Eating Cupcakes Maybe Makes You A Bad Feminist
Both common sense and economic trends have been telling us for a while now that the cupcake‘s blown-out-of-proportion, decade-long moment is mercifully coming to a close. Donuts and (ugh) cronuts are ascendent, and anyway, this whole thing has gotten wildly out of hand (see also: a woman I recently saw openly weeping while buying a box at Grand Central’s branch of Magnolia, explaining to a confused employee, “My sister said she’d kill me if I didn’t bring some back for her!”) Meaning that an op-ed dedicated to denigrating the waning trend dessert doesn’t feel strictly necessary. But, this one from The Guardian comes with an unexpected twist: cupcakes are actually bad for feminism.

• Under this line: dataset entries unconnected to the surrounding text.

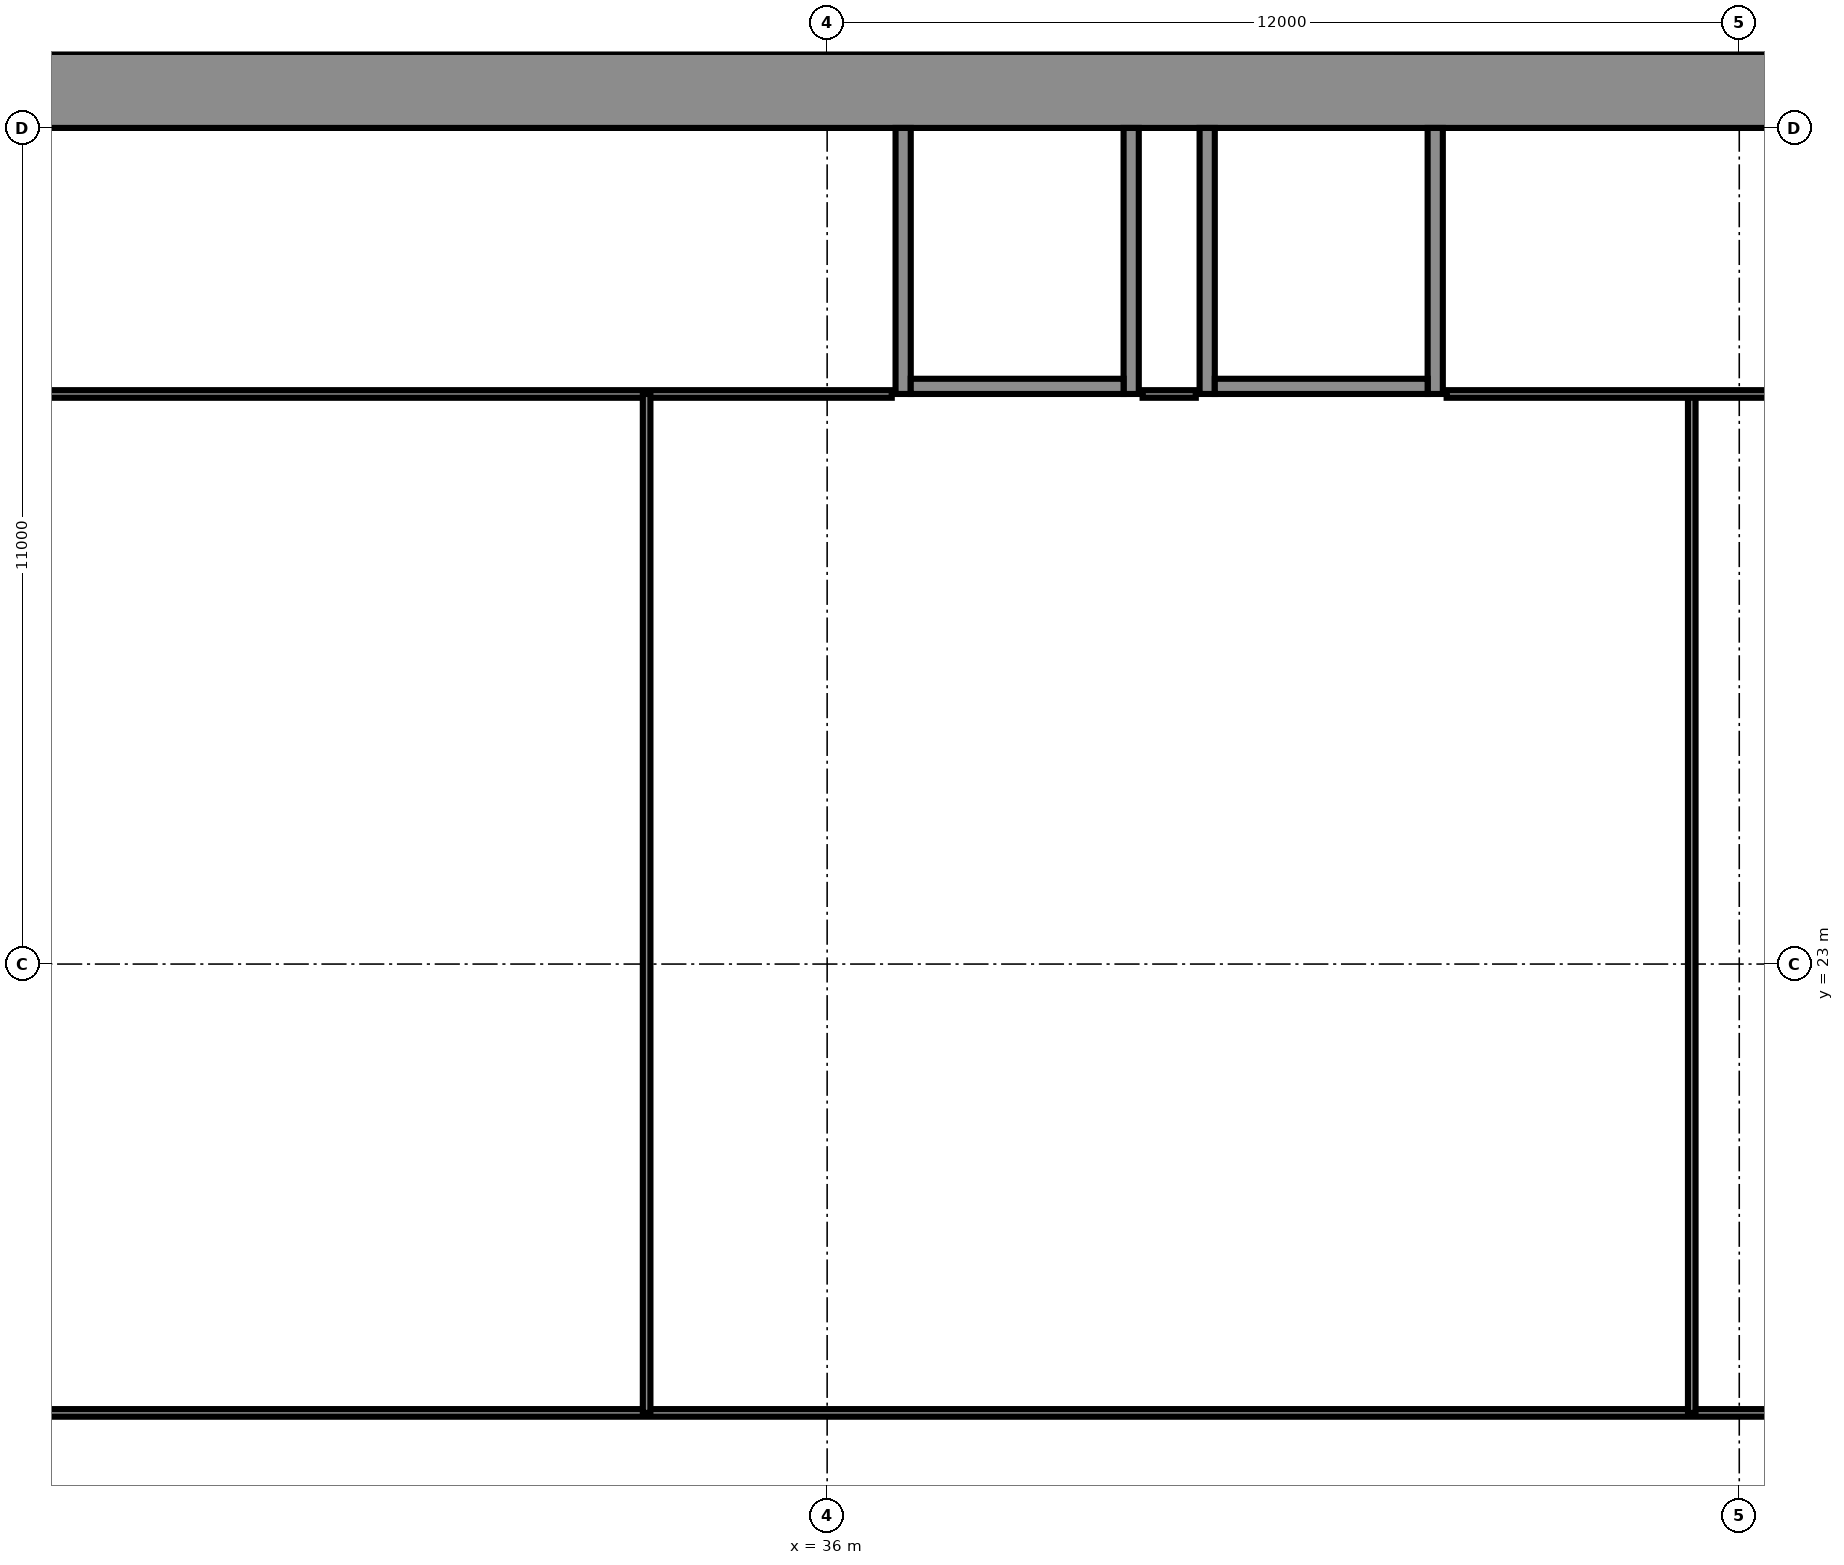
"""IFC4 building model, lengths in metres.
Left out: names, types, materials, properties, quantities, classifications, styles, units other than length and angle.
Written with IfcOpenShell. Run it as: python <this file> out.ifc"""

import sys

from ifc_helpers import new_model, si_unit, direction, frame, frame_2d, origin, origin_2d, place, context, subcontext, project, spatial, rectangle, i_section, extrude, element, fill, save


model = new_model("IFC4")
c1 = context("Model", 3, precision=1e-05, world=origin(), true_north=direction((0.0, 1.0)))
c2 = subcontext(c1, "Body", "Model", "MODEL_VIEW")
j1 = project(units=[si_unit("LENGTHUNIT", "METRE"), si_unit("PLANEANGLEUNIT", "RADIAN")], contexts=[c1])
p1 = place(None, origin())
s1 = spatial("IfcSite", under=j1, at=p1, CompositionType="ELEMENT")
p2 = place(p1, origin())
s2 = spatial("IfcBuilding", under=s1, at=p2, CompositionType="ELEMENT")
p3 = place(p2, frame((0.0, 0.0, 96.7)))
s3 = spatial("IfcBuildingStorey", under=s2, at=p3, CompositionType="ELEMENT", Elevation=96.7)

After laying out all the usual complaints about cupcakes (they’re messy, overrated, too ubiquitous, and deeply linked with the worst kind of hysterical, twee marketing efforts) Matt Seaton writes that “for their implied young female, figure-conscious, on-off dieting customers, they set up this horrible dynamic of enabling indulgence in a forbidden object.” He goes on:
You know what cupcakes really are? – butter-iced snares of self-loathing that sell precisely because they exploit young women’s insecurity about their looks and identity, and offer a completely false and self-defeating solace of temporary gratification, almost certainly followed by remorse and disgust.
They’re just cakes, you say. Ah, but they’re not just cakes: like any cultural artefact, they have implicit values baked in. And the values I see in cupcakes are of a demeaning, self-trivialising sort of hyper-femininity. This is where I start to sound like the worst kind of moralising Puritan killjoy, but it’s just really hard for me to believe that serious, self-respecting adult women would be at all susceptible to this gooey, sickly-sweet embodiment of female wish-fulfillment.
Which may be just a little bit of a leap. It’s sort of hard to prove categorically that cupcake purchasers aren’t ever “serious, self-respecting adults” and universally approach the dessert with the mentality that they’re doing something insane, omg, so bad. Even if they do, it’s a trope that’s spread far enough that furtive cupcake binges were used as a hallmark of Paul Rudd’s terrible character in This Is 40. More to the point, if we’re complaining about the tone of the marketing here, we’d probably have to look at the entire cutesy dessert industry, a churning beast that has rendered it even a little bit plausible for Rice to Riches to hang those terrible “No skinny bitches” signs in their doorway and remain in business.
But also, as much as mania over cupcakes has become an avatar of people (predominantly women) who you try to avoid at all costs, having a male columnist decide that they’re strictly the province of self-defeating idiots doesn’t sit especially well, either. Seems like it’d be nice if we could all just quietly enjoy whatever foods we happen to like to eat, divorced from any weird, unnecessary cycle of hype and backlash?